I’ve been a hobbyist data scientist for a couple years. When I heard that Google BigQuery has some public data sets available to anyone I wanted to dive in and see what I could explore and discover. BigQuery is great for this kind of data tinkering since you don’t have to know any data science tools like R, Octave, Matlab, or SciPy. If you know SQL and have a Google account you’re good to go.
The Data Set
One of the public data sets is the natality data set. This data set lists all the births in the 50 states and DC between 1969 and 2008. The set comes from the CDC which collates the data from the different vital statics offices throughout the US.
The data set contains columns for the data you’d expect like:
- weight (in pounds)
It also includes information about the parents that would be useful in studying health trends in the US and such as:
- mother’s age
- father’s age
- whether the mother used alcohol or cigarettes during the pregnancy
Finally it includes some information about the baby:
- gestation (in weeks)
- apgar scores (1 min and 5 min)
- plurality (whether the child has a twin or triplet, etc)
Looking at the data I had a bunch of random questions like “What percentage of babies born in Seattle in 2000 had parents born elsewhere?” And “how many babies are born away from the state where their mother lives?”
The one question that stuck with me the most though was “Are multiple births more common now than in the past?”
I hear this a lot in the news and from friends who work in the health industry. There seems to be cultural acceptance of the fact that fertility drugs have increased multiple births in recent years. Since this data set spans so many years it seemed like I could finally back this common assumption up with data.
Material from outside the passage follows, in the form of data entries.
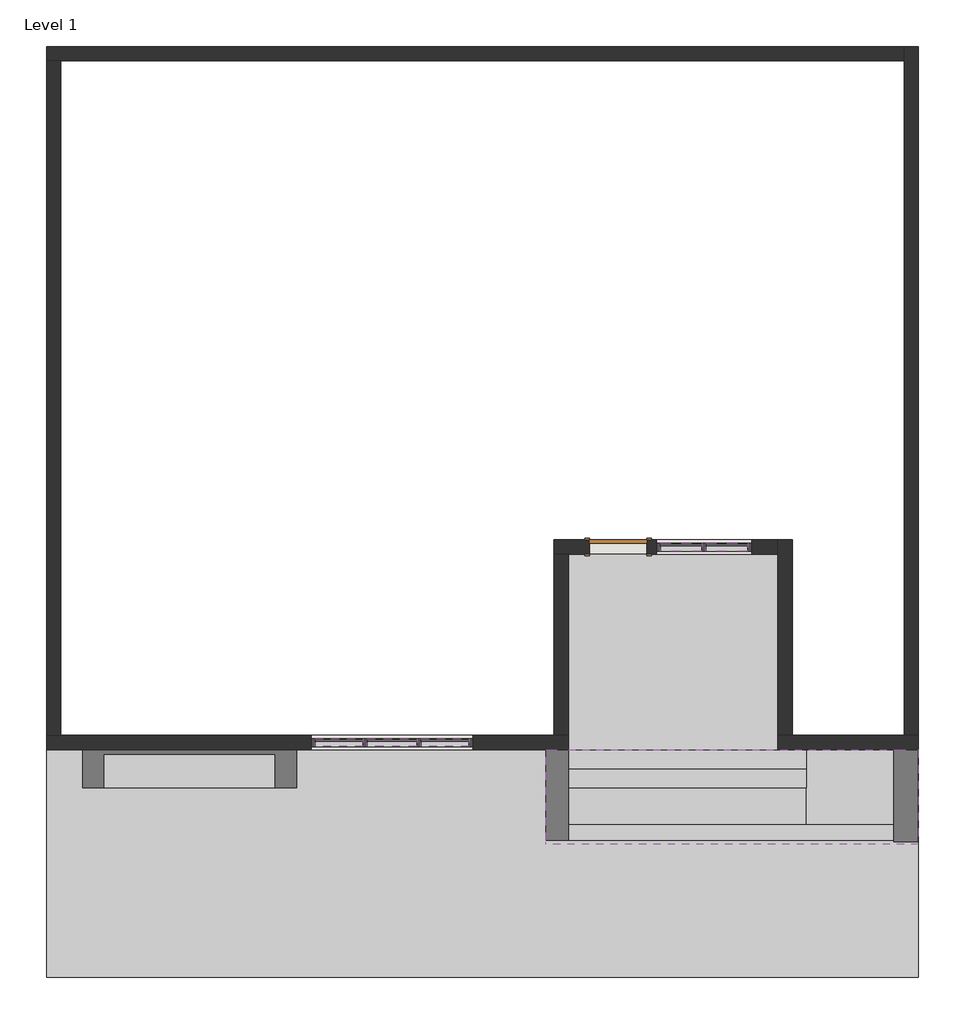
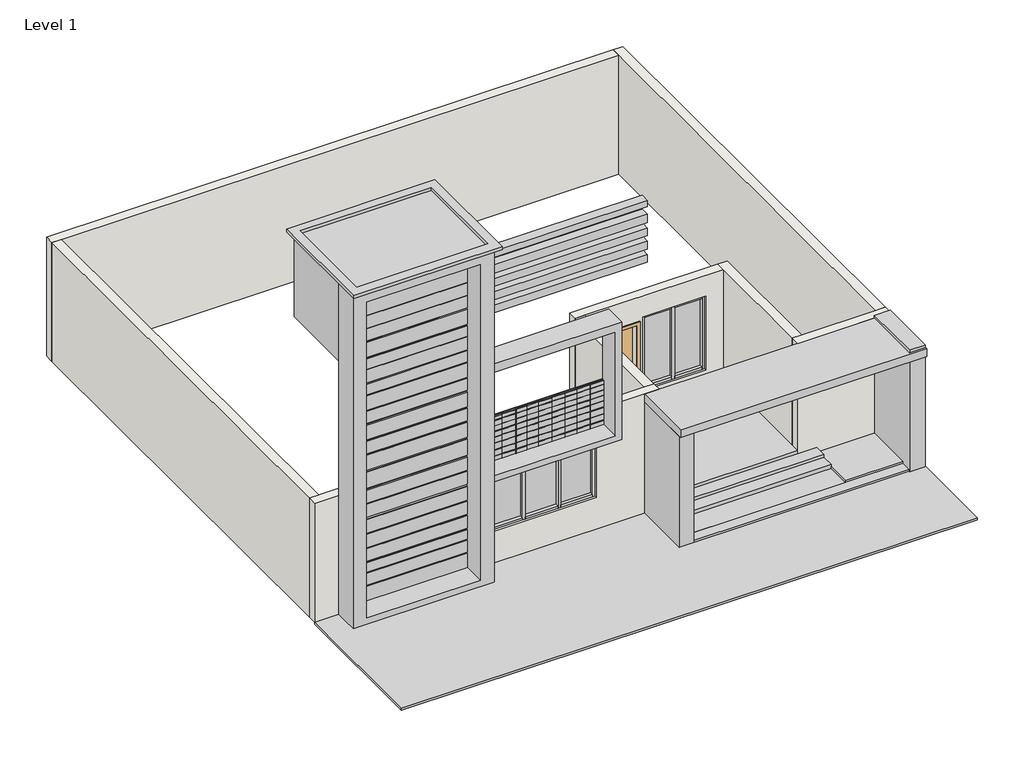
# One storey: 17 members, 8 walls, 5 plates, 4 proxies, 1 door.
"""IFC4 building model written with IfcOpenShell, lengths in millimetres."""

from ifc_helpers import new_model, si_unit, origin, origin_with_axes, place, context, project, spatial, polyline, outline, extrude, faceted_brep, transform, mapped, element, save
from components import generic_models_1_generic_models_1_ed8fc7ec, generic_models_3_generic_models_3_5e2efcd9, generic_models_4_generic_models_4_71681450, generic_models_6_generic_models_6_0c77f430, generic_models_6_generic_models_6_5a8cbb59, door_0ca8825f, member_46f5bc36, member_d36207d9, member_0a25ecd0, member_26ad134e, member_c33c434a, member_6a6f69b9, member_c9c2ffa2, system_panel_glazed_7ff316d0, system_panel_glazed_fe3e992a, system_panel_glazed_5e543223

model = new_model("IFC4")

# Units and contexts
model_context = context("Model", 3, world=origin())
ifc_project = project(units=[si_unit("LENGTHUNIT", "METRE", prefix="MILLI")], contexts=[model_context])

# Site, building, storey
site = spatial("IfcSite", under=ifc_project)
building = spatial("IfcBuilding", under=site)
storey = spatial("IfcBuildingStorey", under=building, Name="Level 1", Elevation=0.0)

# Proxies
placement = place(None, origin())
generic_models_1_generic_models_1_shape = generic_models_1_generic_models_1_ed8fc7ec(model_context)
element("IfcBuildingElementProxy", 1, Name="Generic Models 1 : Generic Models 1", ObjectType="Generic Models 1 : Generic Models 1", at=placement, inside=storey, context=model_context, shape_type="MappedRepresentation", body=[
    mapped(generic_models_1_generic_models_1_shape, transform((0.0, 0.0, 0.0), x_axis=(1.0, 0.0, 0.0), y_axis=(0.0, 1.0, 0.0), z_axis=(0.0, 0.0, 1.0))),
])
generic_models_3_generic_models_3_shape = generic_models_3_generic_models_3_5e2efcd9(model_context)
element("IfcBuildingElementProxy", 2, Name="Generic Models 3 : Generic Models 3", ObjectType="Generic Models 3 : Generic Models 3", at=placement, inside=storey, context=model_context, shape_type="MappedRepresentation", body=[
    mapped(generic_models_3_generic_models_3_shape, transform((0.0, 0.0, 0.0), x_axis=(1.0, 0.0, 0.0), y_axis=(0.0, 1.0, 0.0), z_axis=(0.0, 0.0, 1.0))),
])
generic_models_4_generic_models_4_shape = generic_models_4_generic_models_4_71681450(model_context)
element("IfcBuildingElementProxy", 3, Name="Generic Models 4 : Generic Models 4", ObjectType="Generic Models 4 : Generic Models 4", at=placement, inside=storey, context=model_context, shape_type="MappedRepresentation", body=[
    mapped(generic_models_4_generic_models_4_shape, transform((0.0, 0.0, 0.0), x_axis=(1.0, 0.0, 0.0), y_axis=(0.0, 1.0, 0.0), z_axis=(0.0, 0.0, 1.0))),
])
generic_models_6_generic_models_6_shape = generic_models_6_generic_models_6_0c77f430(model_context)
generic_models_6_generic_models_6_2_shape = generic_models_6_generic_models_6_5a8cbb59(model_context)
element("IfcBuildingElementProxy", 4, Name="Generic Models 6 : Generic Models 6", ObjectType="Generic Models 6 : Generic Models 6", at=placement, inside=storey, context=model_context, shape_type="MappedRepresentation", body=[
    mapped(generic_models_6_generic_models_6_shape, transform((0.0, 0.0, 0.0), x_axis=(1.0, 0.0, 0.0), y_axis=(0.0, 1.0, 0.0), z_axis=(0.0, 0.0, 1.0))),
    mapped(generic_models_6_generic_models_6_2_shape, transform((0.0, 0.0, 0.0), x_axis=(1.0, 0.0, 0.0), y_axis=(0.0, 1.0, 0.0), z_axis=(0.0, 0.0, 1.0))),
])

# Door
door_shape = door_0ca8825f(model_context)
element("IfcDoor", 5, ObjectType="Single-Flush : 36\" x 84\"", at=placement, inside=storey, context=model_context, shape_type="MappedRepresentation", body=[
    mapped(door_shape, transform((-9378.8831929, -7047.9592534, 228.6), x_axis=(1.0, 0.0, 0.0), y_axis=(0.0, 1.0, 0.0), z_axis=(0.0, 0.0, 1.0))),
])

# Members
member_shape = member_46f5bc36(model_context)
element("IfcMember", 6, ObjectType="Rectangular Mullion : 2.5\" x 5\" rectangular", at=placement, inside=storey, context=model_context, shape_type="MappedRepresentation", body=[
    mapped(member_shape, transform((-12534.8331929, -10172.1592534, 813.2979784), x_axis=(0.0, 0.0, -1.0), y_axis=(0.0, -1.0, 0.0), z_axis=(-1.0, 0.0, 0.0))),
])
element("IfcMember", 7, ObjectType="Rectangular Mullion : 2.5\" x 5\" rectangular", at=placement, inside=storey, context=model_context, shape_type="MappedRepresentation", body=[
    mapped(member_shape, transform((-14230.2831929, -10172.1592534, 813.2979784), x_axis=(0.0, 0.0, -1.0), y_axis=(0.0, -1.0, 0.0), z_axis=(-1.0, 0.0, 0.0))),
])
member_2_shape = member_d36207d9(model_context)
element("IfcMember", 8, ObjectType="Rectangular Mullion : 2.5\" x 5\" rectangular", at=placement, inside=storey, context=model_context, shape_type="MappedRepresentation", body=[
    mapped(member_2_shape, transform((-13398.4331929, -10172.1592534, 813.2979784), x_axis=(0.0, 0.0, -1.0), y_axis=(0.0, -1.0, 0.0), z_axis=(-1.0, 0.0, 0.0))),
])
member_3_shape = member_0a25ecd0(model_context)
element("IfcMember", 9, ObjectType="Rectangular Mullion : 2.5\" x 5\" rectangular", at=placement, inside=storey, context=model_context, shape_type="MappedRepresentation", body=[
    mapped(member_3_shape, transform((-13430.1831929, -10172.1592534, 813.2979784), x_axis=(1.0, 0.0, 0.0), y_axis=(0.0, -1.0, 0.0), z_axis=(0.0, 0.0, -1.0))),
])
element("IfcMember", 10, ObjectType="Rectangular Mullion : 2.5\" x 5\" rectangular", at=placement, inside=storey, context=model_context, shape_type="MappedRepresentation", body=[
    mapped(member_3_shape, transform((-12566.5831929, -10172.1592534, 813.2979784), x_axis=(1.0, 0.0, 0.0), y_axis=(0.0, -1.0, 0.0), z_axis=(0.0, 0.0, -1.0))),
])
element("IfcMember", 11, ObjectType="Rectangular Mullion : 2.5\" x 5\" rectangular", at=placement, inside=storey, context=model_context, shape_type="MappedRepresentation", body=[
    mapped(member_2_shape, transform((-12598.3331929, -10172.1592534, 2506.9923672), x_axis=(0.0, 0.0, 1.0), y_axis=(0.0, -1.0, 0.0), z_axis=(1.0, 0.0, 0.0))),
])
element("IfcMember", 12, ObjectType="Rectangular Mullion : 2.5\" x 5\" rectangular", at=placement, inside=storey, context=model_context, shape_type="MappedRepresentation", body=[
    mapped(member_shape, transform((-13461.9331929, -10172.1592534, 2506.9923672), x_axis=(0.0, 0.0, 1.0), y_axis=(0.0, -1.0, 0.0), z_axis=(1.0, 0.0, 0.0))),
])
element("IfcMember", 13, ObjectType="Rectangular Mullion : 2.5\" x 5\" rectangular", at=placement, inside=storey, context=model_context, shape_type="MappedRepresentation", body=[
    mapped(member_shape, transform((-11766.4831929, -10172.1592534, 2506.9923672), x_axis=(0.0, 0.0, 1.0), y_axis=(0.0, -1.0, 0.0), z_axis=(1.0, 0.0, 0.0))),
])
member_4_shape = member_26ad134e(model_context)
element("IfcMember", 14, ObjectType="Rectangular Mullion : 2.5\" x 5\" rectangular", at=placement, inside=storey, context=model_context, shape_type="MappedRepresentation", body=[
    mapped(member_4_shape, transform((-14293.7831929, -10172.1592534, 2506.9923672), x_axis=(-1.0, 0.0, 0.0), y_axis=(0.0, -1.0, 0.0), z_axis=(0.0, 0.0, 1.0))),
])
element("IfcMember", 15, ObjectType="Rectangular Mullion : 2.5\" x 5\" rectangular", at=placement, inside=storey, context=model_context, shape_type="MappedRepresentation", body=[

The first query I wrote was just to figure out what the highest plurality recorded was.
SELECT count(*) as total, plurality FROM [publicdata:samples.natality] GROUP BY plurality;
Which yields this result:
A surprising number of the records have no plurality. I wondered if that data hadn’t be collected in some states or some years so I ran this query.
SELECT count(*) as total, year FROM [publicdata:samples.natality] WHERE plurality IS NULL GROUP BY year;
This accounts for all the rows with missing plurality data so it appears that plurality info wasn’t collected until 1971. I can work with that and so I’ll just ignore records without plurality data going forward.
I didn’t exactly know how to extract the records I wanted so I just looked at the plurality data for one year.
SELECT count(*) as total, plurality FROM [publicdata:samples.natality] WHERE plurality IS NOT NULL AND year = 1975 GROUP BY plurality;
Finally, I used an old SQL trick to get the counts for each year, grouped by plurality, in one row. Doing a group by of both year and plurality also works but it gives multiple rows for each year which is harder for programs like Google Sheets and Numbers to graph.
SELECT year, count(*), sum(case when plurality = 1 then 1 else 0 end) as singleton, sum(case when plurality = 2 then 1 else 0 end) as twins, sum(case when plurality = 3 then 1 else 0 end) as triplets, sum(case when plurality = 4 then 1 else 0 end) as quads, sum(case when plurality = 5 then 1 else 0 end) as quints FROM [publicdata:samples.natality] WHERE plurality IS NOT NULL GROUP BY year;
Here’s a graph showing the raw number of singleton, twin, triplet, etc births as recorded in the data set. I had to use a log scale so that you can actually see anything but the singletons.
The slope for all the multiple birth lines seems to be steeper than that of the singleton birth line. Twins and triplets especially have noticeably increased. I find it interesting that since about 2000 the rate of higher order multiples (triplets or more) has actually decreased a bit.
I didn’t do any sort of statistical significance testing on the data so I can’t reach any actual conclusions but playing with the data set was fun and I got a better feel for BigQuery. The data from the summary query above is here as a csv if you want to play with it. You can also try it yourself from the BigQuery Homepage.
The code from this post is available on github and is licensed Apache v2.